Zum Inhalt: Generation Change? Alle jungen Menschen müssen ja irgendwie ihren Platz im Leben und in der Welt finden. Und dass das nicht immer ganz einfach ist und selten ohne Reibungen abläuft, wissen Kinder wie Eltern gleichermaßen. Mozarts letzte Oper, Die Zauberflöte, ist in der Hinsicht eigentlich die ideale Familiengeschichte: Eine neue Generation macht erste Schritte in einer neuen Welt, doch einfach nachmachen geht nicht. Die Antworten muss die Jugend nämlich selbst finden, die überlebensgroßen, uneindeutigen Elternfiguren dienen kaum als unhinterfragbares Vorbild – die Königin der Nacht: rachsüchtige Furie, oder liebende und besorgte Mutter? Sarastro: die gute, gerechte Autorität, oder ein Frauenfeind und Fortschrittsverhinderer? Erst auf sich alleine gestellt finden Pamina und Tamino, Papageno und Papagena die benötigten Antworten und es lüftet sich wahrscheinlich auch für Eltern wie Kinder im Saal der Schleier vom märchenhaften Mysterien- und Einweihungsspiel: Wo wir nicht von unseren eigenen Erfahrungen ausgehend handeln und urteilen, reproduziert sich nur die Welt, wie sie schon gewesen ist (mit allem Schlechten, was dazugehört).
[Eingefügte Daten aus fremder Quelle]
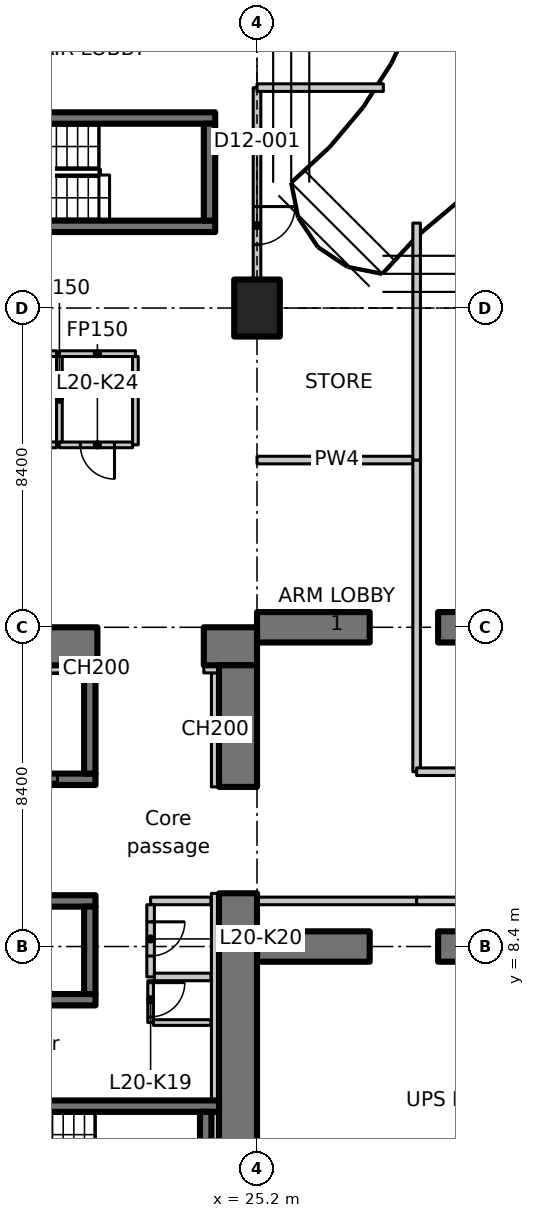
"""IFC4 building model, lengths in metres.
Left out: names, types, materials, properties, quantities, classifications, styles, units other than length and angle.
Written with IfcOpenShell. Run it as: python <this file> out.ifc"""

import sys

from ifc_helpers import new_model, si_unit, direction, frame, frame_2d, origin, origin_2d, place, context, subcontext, project, spatial, polyline, rectangle, outline, extrude, element, fill, save


model = new_model("IFC4")
c1 = context("Model", 3, precision=1e-05, world=origin(), true_north=direction((0.0, 1.0)))
c2 = subcontext(c1, "Body", "Model", "MODEL_VIEW")
j1 = project(units=[si_unit("LENGTHUNIT", "METRE"), si_unit("PLANEANGLEUNIT", "RADIAN")], contexts=[c1])
p1 = place(None, origin())
s1 = spatial("IfcSite", under=j1, at=p1, CompositionType="ELEMENT")
p2 = place(p1, origin())
s2 = spatial("IfcBuilding", under=s1, at=p2, CompositionType="ELEMENT")
p3 = place(p2, frame((0.0, 0.0, 86.9)))
s3 = spatial("IfcBuildingStorey", under=s2, at=p3, CompositionType="ELEMENT", Elevation=86.9)
p4 = place(p3, frame((25.2, 25.2, 0.0), z_axis=(0.0, 0.0, 1.0), x_axis=(1.0, 0.0, 0.0)))
e1 = element("IfcColumn", 1, at=p4, inside=s3, PredefinedType="COLUMN", context=c2, shape_type="SweptSolid", body=[
    extrude(rectangle(XDim=1.2, YDim=1.5, at=origin_2d()), origin(), (0.0, 0.0, 1.0), 4.55),
])
p5 = place(p3, frame((25.2, 8.4, 0.0), z_axis=(0.0, 0.0, 1.0), x_axis=(1.0, 0.0, 0.0)))
e2 = element("IfcWall", 2, at=p5, inside=s3, PredefinedType="SHEAR", context=c2, shape_type="SweptSolid", body=[
    extrude(rectangle(XDim=2.965, YDim=0.8, at=frame_2d((1.482, 0.0))), origin(), (0.0, 0.0, 1.0), 4.55),
])
p6 = place(p3, frame((29.965, 8.4, 0.0), z_axis=(0.0, 0.0, 1.0), x_axis=(1.0, 0.0, 0.0)))
e3 = element("IfcWall", 3, at=p6, inside=s3, PredefinedType="SHEAR", context=c2, shape_type="SweptSolid", body=[
    extrude(rectangle(XDim=2.965, YDim=0.8, at=frame_2d((1.482, 0.0))), origin(), (0.0, 0.0, 1.0), 4.55),
])
p7 = place(p3, frame((25.2, 16.8, 0.0), z_axis=(0.0, 0.0, 1.0), x_axis=(1.0, 0.0, 0.0)))
e4 = element("IfcWall", 4, at=p7, inside=s3, PredefinedType="SHEAR", context=c2, shape_type="SweptSolid", body=[
    extrude(rectangle(XDim=2.965, YDim=0.8, at=frame_2d((1.482, 0.0))), origin(), (0.0, 0.0, 1.0), 4.55),
])
p8 = place(p3, frame((29.965, 16.8, 0.0), z_axis=(0.0, 0.0, 1.0), x_axis=(1.0, 0.0, 0.0)))
e5 = element("IfcWall", 5, at=p8, inside=s3, PredefinedType="SHEAR", context=c2, shape_type="SweptSolid", body=[
    extrude(rectangle(XDim=2.965, YDim=0.8, at=frame_2d((1.482, 0.0))), origin(), (0.0, 0.0, 1.0), 4.55),
])
p9 = place(p3, frame((-1.1, 16.3, 0.0), z_axis=(0.0, 0.0, 1.0), x_axis=(1.0, 0.0, 0.0)))
e6 = element("IfcWall", 6, at=p9, inside=s3, PredefinedType="SHEAR", context=c2, shape_type="SweptSolid", body=[
    extrude(rectangle(XDim=22.1, YDim=1.0, at=frame_2d((11.05, 0.0))), origin(), (0.0, 0.0, 1.0), 4.55),
])
p10 = place(p9, frame((3.15, 0.0, 0.0)))
e7 = element("IfcOpeningElement", 7, at=p10, cuts=e6, PredefinedType="OPENING", context=c2, shape_type="SweptSolid", body=[
    extrude(rectangle(XDim=1.1, YDim=2.3, at=frame_2d((0.55, 1.15))), frame((0.0, 0.51, 0.0), z_axis=(0.0, -1.0, 0.0), x_axis=(1.0, 0.0, 0.0)), (0.0, 0.0, 1.0), 1.02),
])
p11 = place(p3, frame((23.8, 16.3, 0.0), z_axis=(0.0, 0.0, 1.0), x_axis=(1.0, 0.0, 0.0)))
e8 = element("IfcWall", 8, at=p11, inside=s3, PredefinedType="SHEAR", context=c2, shape_type="SweptSolid", body=[
    extrude(rectangle(XDim=1.4, YDim=1.0, at=frame_2d((0.7, 0.0))), origin(), (0.0, 0.0, 1.0), 4.55),
])
p12 = place(p3, frame((24.7, 1.0, 0.0), z_axis=(0.0, 0.0, 1.0), x_axis=(0.0, 1.0, 0.0)))
e9 = element("IfcWall", 9, at=p12, inside=s3, PredefinedType="SHEAR", context=c2, shape_type="SweptSolid", body=[
    extrude(rectangle(XDim=8.8, YDim=1.0, at=frame_2d((4.4, 0.0))), origin(), (0.0, 0.0, 1.0), 4.55),
])
p13 = place(p3, frame((24.7, 12.6, 0.0), z_axis=(0.0, 0.0, 1.0), x_axis=(0.0, 1.0, 0.0)))
e10 = element("IfcWall", 10, at=p13, inside=s3, PredefinedType="SHEAR", context=c2, shape_type="SweptSolid", body=[
    extrude(rectangle(XDim=3.2, YDim=1.0, at=frame_2d((1.6, 0.0))), origin(), (0.0, 0.0, 1.0), 4.55),
])
p14 = place(p3, frame((24.1, 12.6, 0.0), z_axis=(0.0, 0.0, 1.0), x_axis=(0.0, 1.0, 0.0)))
e11 = element("IfcWall", 11, at=p14, inside=s3, PredefinedType="PARTITIONING", context=c2, shape_type="SweptSolid", body=[
    extrude(rectangle(XDim=3.0, YDim=0.2, at=frame_2d((1.5, 0.0))), origin(), (0.0, 0.0, 1.0), 4.55),
])
p15 = place(p3, frame((23.8, 15.7, 0.0), z_axis=(0.0, 0.0, 1.0), x_axis=(1.0, 0.0, 0.0)))
e12 = element("IfcWall", 12, at=p15, inside=s3, PredefinedType="PARTITIONING", context=c2, shape_type="SweptSolid", body=[
    extrude(rectangle(XDim=0.4, YDim=0.2, at=frame_2d((0.2, 0.0))), origin(), (0.0, 0.0, 1.0), 4.55),
])
p16 = place(p3, frame((1.0, 7.0, 0.0), z_axis=(0.0, 0.0, 1.0), x_axis=(1.0, 0.0, 0.0)))
e13 = element("IfcWall", 13, at=p16, inside=s3, PredefinedType="SHEAR", context=c2, shape_type="SweptSolid", body=[
    extrude(rectangle(XDim=19.95, YDim=0.3, at=frame_2d((9.975, 0.0))), origin(), (0.0, 0.0, 1.0), 4.55),
])
p17 = place(p3, frame((1.0, 9.6, 0.0), z_axis=(0.0, 0.0, 1.0), x_axis=(1.0, 0.0, 0.0)))
e14 = element("IfcWall", 14, at=p17, inside=s3, PredefinedType="SHEAR", context=c2, shape_type="SweptSolid", body=[
    extrude(rectangle(XDim=19.95, YDim=0.3, at=frame_2d((9.975, 0.0))), origin(), (0.0, 0.0, 1.0), 4.55),
])
p18 = place(p17, frame((1.05, 0.0, 0.0)))
e15 = element("IfcOpeningElement", 15, at=p18, cuts=e14, PredefinedType="OPENING", context=c2, shape_type="SweptSolid", body=[
    extrude(rectangle(XDim=1.1, YDim=2.3, at=frame_2d((0.55, 1.15))), frame((0.0, 0.16, 0.0), z_axis=(0.0, -1.0, 0.0), x_axis=(1.0, 0.0, 0.0)), (0.0, 0.0, 1.0), 0.32),
])
p19 = place(p17, frame((3.85, 0.0, 0.0)))
e16 = element("IfcOpeningElement", 16, at=p19, cuts=e14, PredefinedType="OPENING", context=c2, shape_type="SweptSolid", body=[
    extrude(rectangle(XDim=1.1, YDim=2.3, at=frame_2d((0.55, 1.15))), frame((0.0, 0.16, 0.0), z_axis=(0.0, -1.0, 0.0), x_axis=(1.0, 0.0, 0.0)), (0.0, 0.0, 1.0), 0.32),
])
p20 = place(p17, frame((6.65, 0.0, 0.0)))
e17 = element("IfcOpeningElement", 17, at=p20, cuts=e14, PredefinedType="OPENING", context=c2, shape_type="SweptSolid", body=[
    extrude(rectangle(XDim=1.1, YDim=2.3, at=frame_2d((0.55, 1.15))), frame((0.0, 0.16, 0.0), z_axis=(0.0, -1.0, 0.0), x_axis=(1.0, 0.0, 0.0)), (0.0, 0.0, 1.0), 0.32),
])
p21 = place(p17, frame((9.45, 0.0, 0.0)))
e18 = element("IfcOpeningElement", 18, at=p21, cuts=e14, PredefinedType="OPENING", context=c2, shape_type="SweptSolid", body=[
    extrude(rectangle(XDim=1.1, YDim=2.3, at=frame_2d((0.55, 1.15))), frame((0.0, 0.16, 0.0), z_axis=(0.0, -1.0, 0.0), x_axis=(1.0, 0.0, 0.0)), (0.0, 0.0, 1.0), 0.32),
])
p22 = place(p17, frame((12.25, 0.0, 0.0)))
e19 = element("IfcOpeningElement", 19, at=p22, cuts=e14, PredefinedType="OPENING", context=c2, shape_type="SweptSolid", body=[
    extrude(rectangle(XDim=1.1, YDim=2.3, at=frame_2d((0.55, 1.15))), frame((0.0, 0.16, 0.0), z_axis=(0.0, -1.0, 0.0), x_axis=(1.0, 0.0, 0.0)), (0.0, 0.0, 1.0), 0.32),
])
p23 = place(p17, frame((15.05, 0.0, 0.0)))
e20 = element("IfcOpeningElement", 20, at=p23, cuts=e14, PredefinedType="OPENING", context=c2, shape_type="SweptSolid", body=[
    extrude(rectangle(XDim=1.1, YDim=2.3, at=frame_2d((0.55, 1.15))), frame((0.0, 0.16, 0.0), z_axis=(0.0, -1.0, 0.0), x_axis=(1.0, 0.0, 0.0)), (0.0, 0.0, 1.0), 0.32),
])
p24 = place(p3, frame((20.8, 7.15, 0.0), z_axis=(0.0, 0.0, 1.0), x_axis=(0.0, 1.0, 0.0)))
e21 = element("IfcWall", 21, at=p24, inside=s3, PredefinedType="SHEAR", context=c2, shape_type="SweptSolid", body=[
    extrude(rectangle(XDim=2.3, YDim=0.3, at=frame_2d((1.15, 0.0))), origin(), (0.0, 0.0, 1.0), 4.55),
])
p25 = place(p3, frame((15.05, 12.8, 0.0), z_axis=(0.0, 0.0, 1.0), x_axis=(1.0, 0.0, 0.0)))
e22 = element("IfcWall", 22, at=p25, inside=s3, PredefinedType="SHEAR", context=c2, shape_type="SweptSolid", body=[
    extrude(rectangle(XDim=5.9, YDim=0.3, at=frame_2d((2.95, 0.0))), origin(), (0.0, 0.0, 1.0), 4.55),
])
p26 = place(p25, frame((3.8, 0.0, 0.0)))
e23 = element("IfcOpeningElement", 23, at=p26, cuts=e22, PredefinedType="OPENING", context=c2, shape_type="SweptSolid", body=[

Barrie Koskys legendäre und weitgereiste Zauberflöte, die er für die Komische Oper Berlin mit der britischen Theatertruppe „1927“ entwickelt hat, macht aus Mozarts Oper einen rasanten Spaß in Rückgriff auf Stummfilmzitate und die Ästhetik der Kabaretts der Weimarer Republik. Jetzt auch in Stuttgart mit unserem Ensemble – in einer eigenen, neu erarbeiteten Fassung!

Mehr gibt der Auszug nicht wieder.